Bitcoin — a Ponzi Scheme?

There have been claims that Bitcoin were a Ponzi scheme. These are voiced by old-school economists who probably feel — a bit too hastily though — that the lack of some monetary properties of Bitcoin make crypto currencies a fake altogether.

This fails to recognise that all crypto currencies are primarily a transactional tool, and a very good and economic one at that. (Simply compare them to conventional payment systems.) You would not want to use them as a long-term store of value (although some people may erroneously try to do just that: this does not make Bitcoin, LiteCoin or other such digital currencies Ponzi schemes).

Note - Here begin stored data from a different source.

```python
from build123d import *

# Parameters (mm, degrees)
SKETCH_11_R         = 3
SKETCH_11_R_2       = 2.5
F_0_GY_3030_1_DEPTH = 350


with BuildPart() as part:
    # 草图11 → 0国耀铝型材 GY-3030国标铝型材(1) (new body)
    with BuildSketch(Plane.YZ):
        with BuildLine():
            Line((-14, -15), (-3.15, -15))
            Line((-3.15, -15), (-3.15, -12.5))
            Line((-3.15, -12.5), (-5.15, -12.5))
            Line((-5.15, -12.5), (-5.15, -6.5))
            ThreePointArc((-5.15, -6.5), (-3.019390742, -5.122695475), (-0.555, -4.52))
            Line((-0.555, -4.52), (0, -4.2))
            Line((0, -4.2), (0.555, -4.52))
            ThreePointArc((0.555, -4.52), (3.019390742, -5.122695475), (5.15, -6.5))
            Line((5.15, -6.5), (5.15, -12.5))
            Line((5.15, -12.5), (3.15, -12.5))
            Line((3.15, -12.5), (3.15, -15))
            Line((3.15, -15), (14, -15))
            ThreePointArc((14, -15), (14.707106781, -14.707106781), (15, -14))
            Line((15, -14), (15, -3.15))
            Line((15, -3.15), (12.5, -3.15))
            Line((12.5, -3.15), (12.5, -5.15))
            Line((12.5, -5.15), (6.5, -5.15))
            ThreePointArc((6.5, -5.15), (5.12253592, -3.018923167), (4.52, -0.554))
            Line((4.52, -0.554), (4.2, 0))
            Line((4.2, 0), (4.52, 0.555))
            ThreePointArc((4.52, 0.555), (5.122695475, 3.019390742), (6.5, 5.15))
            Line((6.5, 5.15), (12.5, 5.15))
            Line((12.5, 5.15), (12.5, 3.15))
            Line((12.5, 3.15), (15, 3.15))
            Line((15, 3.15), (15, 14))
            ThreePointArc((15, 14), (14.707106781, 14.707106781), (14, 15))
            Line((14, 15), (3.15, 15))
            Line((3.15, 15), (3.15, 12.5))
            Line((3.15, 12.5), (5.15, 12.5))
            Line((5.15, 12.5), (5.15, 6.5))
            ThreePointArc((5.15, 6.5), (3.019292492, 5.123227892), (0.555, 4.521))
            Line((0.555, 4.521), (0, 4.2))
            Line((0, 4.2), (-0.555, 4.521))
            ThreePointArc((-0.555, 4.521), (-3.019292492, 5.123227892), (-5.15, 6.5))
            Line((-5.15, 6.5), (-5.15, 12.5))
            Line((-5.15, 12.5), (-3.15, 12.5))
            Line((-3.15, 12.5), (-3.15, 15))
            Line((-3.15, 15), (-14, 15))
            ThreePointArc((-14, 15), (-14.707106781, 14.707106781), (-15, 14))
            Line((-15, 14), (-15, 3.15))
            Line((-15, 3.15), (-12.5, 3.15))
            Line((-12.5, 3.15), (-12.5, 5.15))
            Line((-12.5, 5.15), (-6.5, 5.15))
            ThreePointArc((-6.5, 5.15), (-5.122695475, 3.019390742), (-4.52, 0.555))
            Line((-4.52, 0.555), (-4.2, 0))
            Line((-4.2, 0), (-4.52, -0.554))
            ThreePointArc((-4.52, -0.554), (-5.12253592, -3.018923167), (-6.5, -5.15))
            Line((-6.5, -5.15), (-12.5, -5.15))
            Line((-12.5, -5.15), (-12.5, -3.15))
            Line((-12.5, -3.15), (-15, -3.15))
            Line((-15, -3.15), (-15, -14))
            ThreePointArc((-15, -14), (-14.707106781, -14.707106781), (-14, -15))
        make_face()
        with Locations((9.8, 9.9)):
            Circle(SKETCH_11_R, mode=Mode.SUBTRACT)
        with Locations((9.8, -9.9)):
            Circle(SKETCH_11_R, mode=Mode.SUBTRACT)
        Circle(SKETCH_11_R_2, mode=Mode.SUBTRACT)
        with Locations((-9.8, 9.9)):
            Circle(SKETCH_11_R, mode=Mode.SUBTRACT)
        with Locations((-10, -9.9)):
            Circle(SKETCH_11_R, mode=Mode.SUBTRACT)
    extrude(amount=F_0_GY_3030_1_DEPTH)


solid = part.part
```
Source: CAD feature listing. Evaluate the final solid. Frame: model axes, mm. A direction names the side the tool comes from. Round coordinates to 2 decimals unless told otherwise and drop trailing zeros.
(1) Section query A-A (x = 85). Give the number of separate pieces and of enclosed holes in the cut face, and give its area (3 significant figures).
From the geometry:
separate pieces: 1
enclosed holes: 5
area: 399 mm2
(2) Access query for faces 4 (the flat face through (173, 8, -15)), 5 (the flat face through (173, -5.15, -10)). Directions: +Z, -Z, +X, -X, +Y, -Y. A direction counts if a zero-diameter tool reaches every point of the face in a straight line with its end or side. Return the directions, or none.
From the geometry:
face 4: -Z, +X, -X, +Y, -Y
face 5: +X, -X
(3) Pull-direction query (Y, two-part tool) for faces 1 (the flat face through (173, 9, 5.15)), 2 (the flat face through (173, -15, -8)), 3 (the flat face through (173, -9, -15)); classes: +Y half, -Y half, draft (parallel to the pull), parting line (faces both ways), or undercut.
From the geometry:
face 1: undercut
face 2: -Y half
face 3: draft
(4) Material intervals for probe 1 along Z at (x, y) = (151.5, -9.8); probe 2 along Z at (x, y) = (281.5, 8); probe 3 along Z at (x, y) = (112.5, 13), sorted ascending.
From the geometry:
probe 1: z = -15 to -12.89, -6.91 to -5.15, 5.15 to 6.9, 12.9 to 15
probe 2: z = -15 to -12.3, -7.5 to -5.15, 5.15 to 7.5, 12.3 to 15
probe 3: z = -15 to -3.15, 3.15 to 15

Common credit cards — for their fees and percentages clipped off payments alone — would much rather pass the test as a Ponzi scheme. Supported by the mainstream media and users’ normalcy bias, their existence is questioned by very few people though.

Bitcoin is not what one would call a store of value either. It is important to again stress that it is not meant to be one but that it is a transaction-facilitating mechanism. It can (and cannot, at the same time) be argued that Bitcoin is “money” for it does have many of the basic monetary functions while lacking others at the same time.

Be that as it may, this definitely does not make Bitcoin a Ponzi scheme — and certainly not “the biggest one in history” anyway! So here’s another thought for anyone making these outlandish claims: even IF it were some Ponzi scheme, Bitcoin would hardly be the “largest in history” as this place is firmly secured for the U. S. dollar since 1913.

In light of today’s total volume, there’s no way (yet) for Bitcoin to take the dollar’s “reserved spot” for this dubious honour.